0

I have a paragraph/sentence from which I want to identify

  1. any series of number 6 digits or more
  2. any series of numbers with a "-" (dash)

but I don't want to identify

  1. any numbers preceded by a $(dollar)
  2. any series of numbers with , (comma)

How can I achieve this?

The regex I tried is: r'(?:\s|^)(\d-?(\s)?){6,}(?=[?\s]|$)' but its not accurate.

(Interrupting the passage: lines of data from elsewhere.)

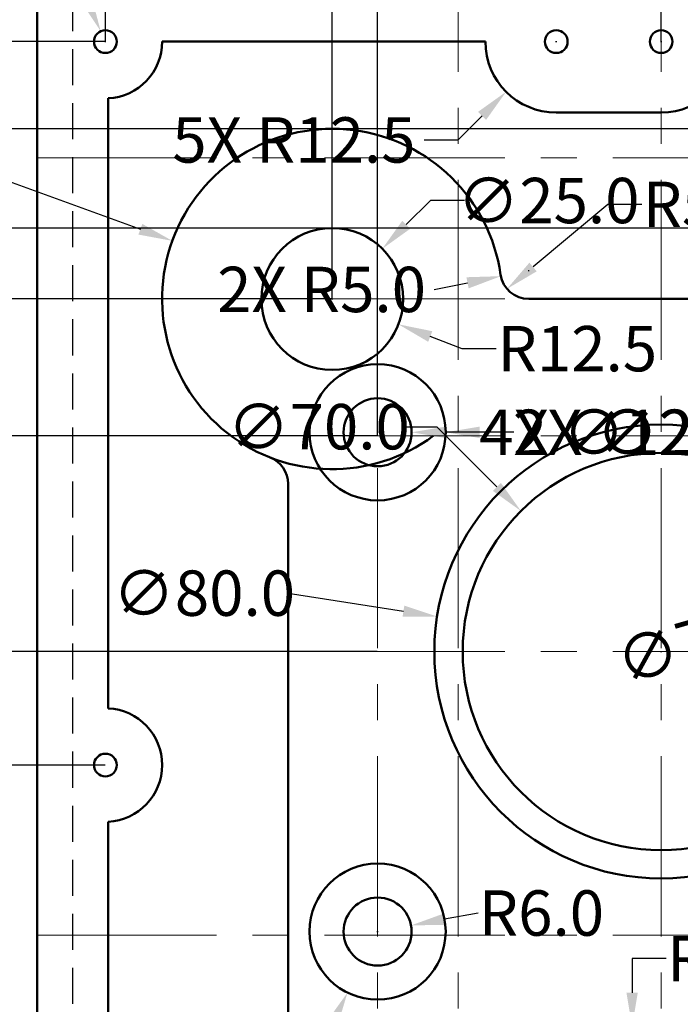
# Model space of a CAD drawing. Units: inches. Extents: x 11765 to 12471, y 10149 to 10793.
# Tile 4 of 8: x 11880 to 11996, y 10530 to 10704. Entities that reach past the tile are written whole.
import ezdxf

# ---------------------------------------------------------------- set-up
doc = ezdxf.new("R2010")
doc.units = ezdxf.units.IN
doc.header["$MEASUREMENT"] = 0
doc.linetypes.add('CENTER', pattern=[50.8, 31.75, -6.35, 6.35, -6.35])
doc.linetypes.add('HIDDEN', pattern=[9.525, 6.35, -3.175])
for name, color, linetype, lineweight in [('M-CNTR', 30, 'CENTER', 18), ('M-DIMS', 2, 'Continuous', 25), ('M-HIDN', 41, 'HIDDEN', 25), ('M-OUTL', 7, 'Continuous', 50)]:
    doc.layers.add(name, color=color, linetype=linetype, lineweight=lineweight)
doc.styles.get("Standard").update_dxf_attribs({"font": 'arial.ttf'})
doc.dimstyles.get("Standard").update_dxf_attribs({"dimtxt": 8, "dimasz": 6, "dimexe": 0.18, "dimexo": 0.0625, "dimgap": 0.09, "dimtad": 0, "dimtoh": 1, "dimdec": 1, "dimzin": 0, "dimdsep": 46, "dimtxsty": 'Standard', "dimcen": 0.09, "dimadec": 0, "dimazin": 0, "dimtfac": 1, "dimtdec": 1, "dimtofl": 0, "dimtmove": 0, "dimatfit": 3, "dimfxl": 1, "dimtolj": 1, "dimtzin": 0, "dimarcsym": 0})

# ---------------------------------------------------------------- blocks, each defined once
blk = doc.blocks.new('*D2')
at = {"layer": 'Defpoints', "color": 0, "transparency": 16777216}
for p in [(11894.91, 10776.05), (11992.91, 10712.15), (11894.91, 10699.65)]:
    blk.add_point(p, dxfattribs=at)
at = {"layer": 'M-DIMS', "color": 0, "lineweight": -2, "transparency": 16777216}
for p, q in [((11894.91, 10699.71), (11894.91, 10776.23)), ((11900.91, 10776.05), (11933.45, 10776.05)), ((11986.91, 10776.05), (11954.38, 10776.05)), ((11992.91, 10712.21), (11992.91, 10776.23))]:
    blk.add_line(p, q, dxfattribs=at)
at = {"layer": 'M-DIMS', "color": 0, "transparency": 16777216}
for points in [[(11900.91, 10777.05), (11900.91, 10775.05), (11894.91, 10776.05)], [(11986.91, 10777.05), (11986.91, 10775.05), (11992.91, 10776.05)]]:
    blk.add_solid(points, dxfattribs=at)
at = {"layer": 'M-DIMS', "color": 0, "transparency": 16777216, "insert": (11943.91, 10776.05), "char_height": 8, "attachment_point": 5}
blk.add_mtext('\\A1;98.0', dxfattribs=at)
blk = doc.blocks.new('*D3')
at = {"layer": 'Defpoints', "color": 0, "transparency": 16777216}
for p in [(11992.91, 10763.84), (11992.91, 10699.65), (11934.91, 10654.29)]:
    blk.add_point(p, dxfattribs=at)
at = {"layer": 'M-DIMS', "color": 0, "lineweight": -2, "transparency": 16777216}
for p, q in [((11934.91, 10654.35), (11934.91, 10764.02)), ((11940.91, 10763.84), (11953.45, 10763.84)), ((11986.91, 10763.84), (11974.38, 10763.84)), ((11992.91, 10699.71), (11992.91, 10764.02))]:
    blk.add_line(p, q, dxfattribs=at)
at = {"layer": 'M-DIMS', "color": 0, "transparency": 16777216}
for points in [[(11940.91, 10764.84), (11940.91, 10762.84), (11934.91, 10763.84)], [(11986.91, 10764.84), (11986.91, 10762.84), (11992.91, 10763.84)]]:
    blk.add_solid(points, dxfattribs=at)
at = {"layer": 'M-DIMS', "color": 0, "transparency": 16777216, "insert": (11963.91, 10763.84), "char_height": 8, "attachment_point": 5}
blk.add_mtext('\\A1;58.0', dxfattribs=at)
blk = doc.blocks.new('*D4')
at = {"layer": 'Defpoints', "color": 0, "transparency": 16777216}
for p in [(11992.91, 10750.16), (11992.91, 10699.65), (11942.91, 10630.15)]:
    blk.add_point(p, dxfattribs=at)
at = {"layer": 'M-DIMS', "color": 0, "lineweight": -2, "transparency": 16777216}
for p, q in [((11942.91, 10630.21), (11942.91, 10750.34)), ((11948.91, 10750.16), (11957.45, 10750.16)), ((11986.91, 10750.16), (11978.38, 10750.16)), ((11992.91, 10699.71), (11992.91, 10750.34))]:
    blk.add_line(p, q, dxfattribs=at)
at = {"layer": 'M-DIMS', "color": 0, "transparency": 16777216}
for points in [[(11948.91, 10751.16), (11948.91, 10749.16), (11942.91, 10750.16)], [(11986.91, 10751.16), (11986.91, 10749.16), (11992.91, 10750.16)]]:
    blk.add_solid(points, dxfattribs=at)
at = {"layer": 'M-DIMS', "color": 0, "transparency": 16777216, "insert": (11967.91, 10750.16), "char_height": 8, "attachment_point": 5}
blk.add_mtext('\\A1;50.0', dxfattribs=at)
blk = doc.blocks.new('*D5')
at = {"layer": 'Defpoints', "color": 0, "transparency": 16777216}
for p in [(11992.91, 10750.5), (11992.91, 10699.65), (12042.91, 10642.79)]:
    blk.add_point(p, dxfattribs=at)
at = {"layer": 'M-DIMS', "color": 0, "lineweight": -2, "transparency": 16777216}
for p, q in [((11992.91, 10699.71), (11992.91, 10750.68)), ((11998.91, 10750.5), (12007.45, 10750.5)), ((12036.91, 10750.5), (12028.38, 10750.5)), ((12042.91, 10642.86), (12042.91, 10750.68))]:
    blk.add_line(p, q, dxfattribs=at)
at = {"layer": 'M-DIMS', "color": 0, "transparency": 16777216}
for points in [[(11998.91, 10751.5), (11998.91, 10749.5), (11992.91, 10750.5)], [(12036.91, 10751.5), (12036.91, 10749.5), (12042.91, 10750.5)]]:
    blk.add_solid(points, dxfattribs=at)
at = {"layer": 'M-DIMS', "color": 0, "transparency": 16777216, "insert": (12017.91, 10750.5), "char_height": 8, "attachment_point": 5}
blk.add_mtext('\\A1;50.0', dxfattribs=at)
blk = doc.blocks.new('*D6')
at = {"layer": 'Defpoints', "color": 0, "transparency": 16777216}
for p in [(11882.91, 10712.15), (11769.87, 10237.15), (11917.55, 10237.15)]:
    blk.add_point(p, dxfattribs=at)
at = {"layer": 'M-DIMS', "color": 0, "lineweight": -2, "transparency": 16777216}
for p, q in [((11882.85, 10712.15), (11769.69, 10712.15)), ((11769.87, 10706.15), (11769.87, 10488.38)), ((11769.87, 10243.15), (11769.87, 10460.91)), ((11917.49, 10237.15), (11769.69, 10237.15))]:
    blk.add_line(p, q, dxfattribs=at)
at = {"layer": 'M-DIMS', "color": 0, "transparency": 16777216}
for points in [[(11768.87, 10706.15), (11770.87, 10706.15), (11769.87, 10712.15)], [(11768.87, 10243.15), (11770.87, 10243.15), (11769.87, 10237.15)]]:
    blk.add_solid(points, dxfattribs=at)
at = {"layer": 'M-DIMS', "color": 0, "transparency": 16777216, "insert": (11769.87, 10474.65), "char_height": 8, "attachment_point": 5, "rotation": 90}
blk.add_mtext('\\A1;475.0', dxfattribs=at)
blk = doc.blocks.new('*D14')
at = {"layer": 'Defpoints', "color": 0, "transparency": 16777216}
for p in [(12156.23, 10592.15), (12216.5, 10592.15), (11992.91, 10372.15)]:
    blk.add_point(p, dxfattribs=at)
at = {"layer": 'M-DIMS', "color": 0, "lineweight": -2, "transparency": 16777216}
for p, q in [((12156.3, 10592.15), (12216.68, 10592.15)), ((12216.5, 10586.15), (12216.5, 10495.79)), ((12216.5, 10378.15), (12216.5, 10468.5)), ((11992.97, 10372.15), (12216.68, 10372.15))]:
    blk.add_line(p, q, dxfattribs=at)
at = {"layer": 'M-DIMS', "color": 0, "transparency": 16777216}
for points in [[(12215.5, 10586.15), (12217.5, 10586.15), (12216.5, 10592.15)], [(12215.5, 10378.15), (12217.5, 10378.15), (12216.5, 10372.15)]]:
    blk.add_solid(points, dxfattribs=at)
at = {"layer": 'M-DIMS', "color": 0, "transparency": 16777216, "insert": (12216.5, 10482.15), "char_height": 8, "attachment_point": 5, "rotation": 90}
blk.add_mtext('\\A1;220.0', dxfattribs=at)
blk = doc.blocks.new('*D24')
at = {"layer": 'Defpoints', "color": 0, "transparency": 16777216}
for p in [(11794.92, 10712.15), (11882.91, 10712.15), (11882.91, 10592.15)]:
    blk.add_point(p, dxfattribs=at)
at = {"layer": 'M-DIMS', "color": 0, "lineweight": -2, "transparency": 16777216}
for p, q in [((11882.85, 10712.15), (11794.74, 10712.15)), ((11794.92, 10706.15), (11794.92, 10665.34)), ((11794.92, 10598.15), (11794.92, 10638.95)), ((11882.85, 10592.15), (11794.74, 10592.15))]:
    blk.add_line(p, q, dxfattribs=at)
at = {"layer": 'M-DIMS', "color": 0, "transparency": 16777216}
for points in [[(11793.92, 10706.15), (11795.92, 10706.15), (11794.92, 10712.15)], [(11793.92, 10598.15), (11795.92, 10598.15), (11794.92, 10592.15)]]:
    blk.add_solid(points, dxfattribs=at)
at = {"layer": 'M-DIMS', "color": 0, "transparency": 16777216, "insert": (11794.92, 10652.15), "char_height": 8, "attachment_point": 5, "rotation": 90}
blk.add_mtext('\\A1;120.0', dxfattribs=at)
blk = doc.blocks.new('*D25')
at = {"layer": 'Defpoints', "color": 0, "transparency": 16777216}
for p in [(11894.91, 10699.65), (11809.73, 10592.15), (11882.91, 10592.15)]:
    blk.add_point(p, dxfattribs=at)
at = {"layer": 'M-DIMS', "color": 0, "lineweight": -2, "transparency": 16777216}
for p, q in [((11894.85, 10699.65), (11809.55, 10699.65)), ((11809.73, 10693.65), (11809.73, 10659.14)), ((11809.73, 10598.15), (11809.73, 10632.65)), ((11882.85, 10592.15), (11809.55, 10592.15))]:
    blk.add_line(p, q, dxfattribs=at)
at = {"layer": 'M-DIMS', "color": 0, "transparency": 16777216}
for points in [[(11808.73, 10693.65), (11810.73, 10693.65), (11809.73, 10699.65)], [(11808.73, 10598.15), (11810.73, 10598.15), (11809.73, 10592.15)]]:
    blk.add_solid(points, dxfattribs=at)
at = {"layer": 'M-DIMS', "color": 0, "transparency": 16777216, "insert": (11809.73, 10645.9), "char_height": 8, "attachment_point": 5, "rotation": 90}
blk.add_mtext('\\A1;107.5', dxfattribs=at)
blk = doc.blocks.new('*D26')
at = {"layer": 'Defpoints', "color": 0, "transparency": 16777216}
for p in [(11934.91, 10654.29), (11823.92, 10592.15), (11882.91, 10592.15)]:
    blk.add_point(p, dxfattribs=at)
at = {"layer": 'M-DIMS', "color": 0, "lineweight": -2, "transparency": 16777216}
for p, q in [((11934.85, 10654.29), (11823.74, 10654.29)), ((11823.92, 10648.29), (11823.92, 10632.95)), ((11823.92, 10598.15), (11823.92, 10613.49)), ((11882.85, 10592.15), (11823.74, 10592.15))]:
    blk.add_line(p, q, dxfattribs=at)
at = {"layer": 'M-DIMS', "color": 0, "transparency": 16777216}
for points in [[(11822.92, 10648.29), (11824.92, 10648.29), (11823.92, 10654.29)], [(11822.92, 10598.15), (11824.92, 10598.15), (11823.92, 10592.15)]]:
    blk.add_solid(points, dxfattribs=at)
at = {"layer": 'M-DIMS', "color": 0, "transparency": 16777216, "insert": (11823.92, 10623.22), "char_height": 8, "attachment_point": 5, "rotation": 90}
blk.add_mtext('\\A1;62.1', dxfattribs=at)
blk = doc.blocks.new('*D27')
at = {"layer": 'Defpoints', "color": 0, "transparency": 16777216}
for p in [(11840.57, 10630.15), (11942.91, 10630.15), (11942.91, 10592.15)]:
    blk.add_point(p, dxfattribs=at)
at = {"layer": 'M-DIMS', "color": 0, "lineweight": -2, "transparency": 16777216}
for p, q in [((11942.85, 10630.15), (11840.39, 10630.15)), ((11840.57, 10624.15), (11840.57, 10621.61)), ((11840.57, 10598.15), (11840.57, 10600.68)), ((11942.85, 10592.15), (11840.39, 10592.15))]:
    blk.add_line(p, q, dxfattribs=at)
at = {"layer": 'M-DIMS', "color": 0, "transparency": 16777216}
for points in [[(11839.57, 10624.15), (11841.57, 10624.15), (11840.57, 10630.15)], [(11839.57, 10598.15), (11841.57, 10598.15), (11840.57, 10592.15)]]:
    blk.add_solid(points, dxfattribs=at)
at = {"layer": 'M-DIMS', "color": 0, "transparency": 16777216, "insert": (11840.57, 10611.15), "char_height": 8, "attachment_point": 5, "rotation": 90}
blk.add_mtext('\\A1;38.0', dxfattribs=at)
blk = doc.blocks.new('*D29')
at = {"layer": 'Defpoints', "color": 0, "transparency": 16777216}
for p in [(11794.06, 10592.15), (11889.16, 10592.15), (11894.91, 10322.15)]:
    blk.add_point(p, dxfattribs=at)
at = {"layer": 'M-DIMS', "color": 0, "lineweight": -2, "transparency": 16777216}
for p, q in [((11889.1, 10592.15), (11793.88, 10592.15)), ((11794.06, 10586.15), (11794.06, 10470.79)), ((11794.06, 10328.15), (11794.06, 10443.5)), ((11894.85, 10322.15), (11793.88, 10322.15))]:
    blk.add_line(p, q, dxfattribs=at)
at = {"layer": 'M-DIMS', "color": 0, "transparency": 16777216}
for points in [[(11793.06, 10586.15), (11795.06, 10586.15), (11794.06, 10592.15)], [(11793.06, 10328.15), (11795.06, 10328.15), (11794.06, 10322.15)]]:
    blk.add_solid(points, dxfattribs=at)
at = {"layer": 'M-DIMS', "color": 0, "transparency": 16777216, "insert": (11794.06, 10457.15), "char_height": 8, "attachment_point": 5, "rotation": 90}
blk.add_mtext('\\A1;270.0', dxfattribs=at)
blk = doc.blocks.new('*D30')
at = {"layer": 'Defpoints', "color": 0, "transparency": 16777216}
for p in [(11872.35, 10592.15), (11809.21, 10447.15), (11894.91, 10447.15)]:
    blk.add_point(p, dxfattribs=at)
at = {"layer": 'M-DIMS', "color": 0, "lineweight": -2, "transparency": 16777216}
for p, q in [((11872.29, 10592.15), (11809.03, 10592.15)), ((11809.21, 10586.15), (11809.21, 10532.84)), ((11809.21, 10453.15), (11809.21, 10506.45)), ((11894.85, 10447.15), (11809.03, 10447.15))]:
    blk.add_line(p, q, dxfattribs=at)
at = {"layer": 'M-DIMS', "color": 0, "transparency": 16777216}
for points in [[(11808.21, 10586.15), (11810.21, 10586.15), (11809.21, 10592.15)], [(11808.21, 10453.15), (11810.21, 10453.15), (11809.21, 10447.15)]]:
    blk.add_solid(points, dxfattribs=at)
at = {"layer": 'M-DIMS', "color": 0, "transparency": 16777216, "insert": (11809.21, 10519.65), "char_height": 8, "attachment_point": 5, "rotation": 90}
blk.add_mtext('\\A1;145.0', dxfattribs=at)
blk = doc.blocks.new('*D31')
at = {"layer": 'Defpoints', "color": 0, "transparency": 16777216}
for p in [(11895.41, 10592.15), (11874.92, 10572.15), (11894.91, 10572.15)]:
    blk.add_point(p, dxfattribs=at)
at = {"layer": 'M-DIMS', "color": 0, "lineweight": -2, "transparency": 16777216}
for p, q in [((11895.35, 10592.15), (11874.74, 10592.15)), ((11874.92, 10586.15), (11874.92, 10578.15)), ((11894.85, 10572.15), (11874.74, 10572.15)), ((11874.92, 10572.15), (11874.92, 10566.15)), ((11874.92, 10566.15), (11868.92, 10566.15))]:
    blk.add_line(p, q, dxfattribs=at)
at = {"layer": 'M-DIMS', "color": 0, "transparency": 16777216}
for points in [[(11873.92, 10586.15), (11875.92, 10586.15), (11874.92, 10592.15)], [(11873.92, 10578.15), (11875.92, 10578.15), (11874.92, 10572.15)]]:
    blk.add_solid(points, dxfattribs=at)
at = {"layer": 'M-DIMS', "color": 0, "transparency": 16777216, "insert": (11858.38, 10566.15), "char_height": 8, "attachment_point": 5}
blk.add_mtext('\\A1;20.0', dxfattribs=at)
blk = doc.blocks.new('*D33')
at = {"layer": 'Defpoints', "color": 0, "transparency": 16777216}
for p in [(11992.91, 10699.65), (11999.97, 10689.33)]:
    blk.add_point(p, dxfattribs=at)
at = {"layer": 'M-DIMS', "color": 0, "lineweight": -2, "transparency": 16777216}
for p, q in [((11992.82, 10699.65), (11993, 10699.65)), ((11992.91, 10699.56), (11992.91, 10699.74)), ((12006.75, 10679.43), (12003.36, 10684.38)), ((12012.75, 10679.43), (12006.75, 10679.43))]:
    blk.add_line(p, q, dxfattribs=at)
at = {"layer": 'M-DIMS', "color": 0, "transparency": 16777216}
blk.add_solid([(12004.19, 10684.95), (12002.54, 10683.82), (11999.97, 10689.33)], dxfattribs=at)
at = {"layer": 'M-DIMS', "color": 0, "transparency": 16777216, "insert": (12027.09, 10679.43), "char_height": 8, "attachment_point": 5}
blk.add_mtext('\\A1;R12.5', dxfattribs=at)
blk = doc.blocks.new('*D34')
at = {"layer": 'Defpoints', "color": 0, "transparency": 16777216}
for p in [(11969.55, 10659.29), (11965.72, 10656.07)]:
    blk.add_point(p, dxfattribs=at)
at = {"layer": 'M-DIMS', "color": 0, "lineweight": -2, "transparency": 16777216}
for p, q in [((11983.49, 10670.97), (11970.32, 10659.93)), ((11989.49, 10670.97), (11983.49, 10670.97))]:
    blk.add_line(p, q, dxfattribs=at)
at = {"layer": 'M-DIMS', "color": 0, "transparency": 16777216}
blk.add_solid([(11969.68, 10660.69), (11970.96, 10659.16), (11965.72, 10656.07)], dxfattribs=at)
at = {"layer": 'M-DIMS', "color": 0, "transparency": 16777216, "insert": (12000.68, 10670.97), "char_height": 8, "attachment_point": 5}
blk.add_mtext('\\A1;R5.0', dxfattribs=at)
blk = doc.blocks.new('*D35')
at = {"layer": 'Defpoints', "color": 0, "transparency": 16777216}
for p in [(11906.72, 10664.53), (11934.91, 10654.29)]:
    blk.add_point(p, dxfattribs=at)
at = {"layer": 'M-DIMS', "color": 0, "lineweight": -2, "transparency": 16777216}
for p, q in [((11862.11, 10678.56), (11868.11, 10678.56)), ((11868.11, 10678.56), (11901.08, 10666.58)), ((11934.82, 10654.29), (11935, 10654.29)), ((11934.91, 10654.2), (11934.91, 10654.38))]:
    blk.add_line(p, q, dxfattribs=at)
at = {"layer": 'M-DIMS', "color": 0, "transparency": 16777216}
blk.add_solid([(11901.42, 10667.52), (11900.74, 10665.64), (11906.72, 10664.53)], dxfattribs=at)
at = {"layer": 'M-DIMS', "color": 0, "transparency": 16777216, "insert": (11847.81, 10678.56), "char_height": 8, "attachment_point": 5}
blk.add_mtext('\\A1;R30.0', dxfattribs=at)
blk = doc.blocks.new('*D36')
at = {"layer": 'Defpoints', "color": 0, "transparency": 16777216}
for p in [(11934.91, 10654.29), (11946.59, 10649.82)]:
    blk.add_point(p, dxfattribs=at)
at = {"layer": 'M-DIMS', "color": 0, "lineweight": -2, "transparency": 16777216}
for p, q in [((11934.82, 10654.29), (11935, 10654.29)), ((11934.91, 10654.2), (11934.91, 10654.38)), ((11957.79, 10645.53), (11952.19, 10647.67)), ((11963.79, 10645.53), (11957.79, 10645.53))]:
    blk.add_line(p, q, dxfattribs=at)
at = {"layer": 'M-DIMS', "color": 0, "transparency": 16777216}
blk.add_solid([(11952.55, 10648.61), (11951.83, 10646.74), (11946.59, 10649.82)], dxfattribs=at)
at = {"layer": 'M-DIMS', "color": 0, "transparency": 16777216, "insert": (11978.13, 10645.53), "char_height": 8, "attachment_point": 5}
blk.add_mtext('\\A1;R12.5', dxfattribs=at)
blk = doc.blocks.new('*D39')
at = {"layer": 'Defpoints', "color": 0, "transparency": 16777216}
for p in [(11942.91, 10542.79), (11937.6, 10532.03)]:
    blk.add_point(p, dxfattribs=at)
at = {"layer": 'M-DIMS', "color": 0, "lineweight": -2, "transparency": 16777216}
for p, q in [((11942.82, 10542.79), (11943, 10542.79)), ((11942.91, 10542.7), (11942.91, 10542.88)), ((11932.3, 10521.27), (11934.95, 10526.65)), ((11926.3, 10521.27), (11932.3, 10521.27))]:
    blk.add_line(p, q, dxfattribs=at)
at = {"layer": 'M-DIMS', "color": 0, "transparency": 16777216}
blk.add_solid([(11934.05, 10527.09), (11935.85, 10526.21), (11937.6, 10532.03)], dxfattribs=at)
at = {"layer": 'M-DIMS', "color": 0, "transparency": 16777216, "insert": (11912, 10521.27), "char_height": 8, "attachment_point": 5}
blk.add_mtext('\\A1;R12.0', dxfattribs=at)
blk = doc.blocks.new('*D40')
at = {"layer": 'Defpoints', "color": 0, "transparency": 16777216}
for p in [(11942.91, 10542.79), (11948.81, 10543.88)]:
    blk.add_point(p, dxfattribs=at)
at = {"layer": 'M-DIMS', "color": 0, "lineweight": -2, "transparency": 16777216}
for p, q in [((11960.61, 10546.06), (11954.71, 10544.97)), ((11942.82, 10542.79), (11943, 10542.79)), ((11942.91, 10542.7), (11942.91, 10542.88))]:
    blk.add_line(p, q, dxfattribs=at)
at = {"layer": 'M-DIMS', "color": 0, "transparency": 16777216}
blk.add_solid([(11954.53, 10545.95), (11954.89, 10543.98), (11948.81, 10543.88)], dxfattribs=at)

I'm looking for these patterns inside a paragraph

  • 123-456-789
  • 123-456
  • 123 456
  • 123 456 789 It may also contain full stop(.) at the end too but it should ignore the following patterns

  • $123654

  • $ 123654
  • 12,4569
  • 123*123*7732
  • 123h434k5454
The fourth bird
  • 127,136
  • 16
  • 45
  • 63

1 Answers1

1

You could match what you don't want and capture in a group what you want to keep.

Using re.findall the group 1 values will be returned.

Afterwards you might filter out the empty strings.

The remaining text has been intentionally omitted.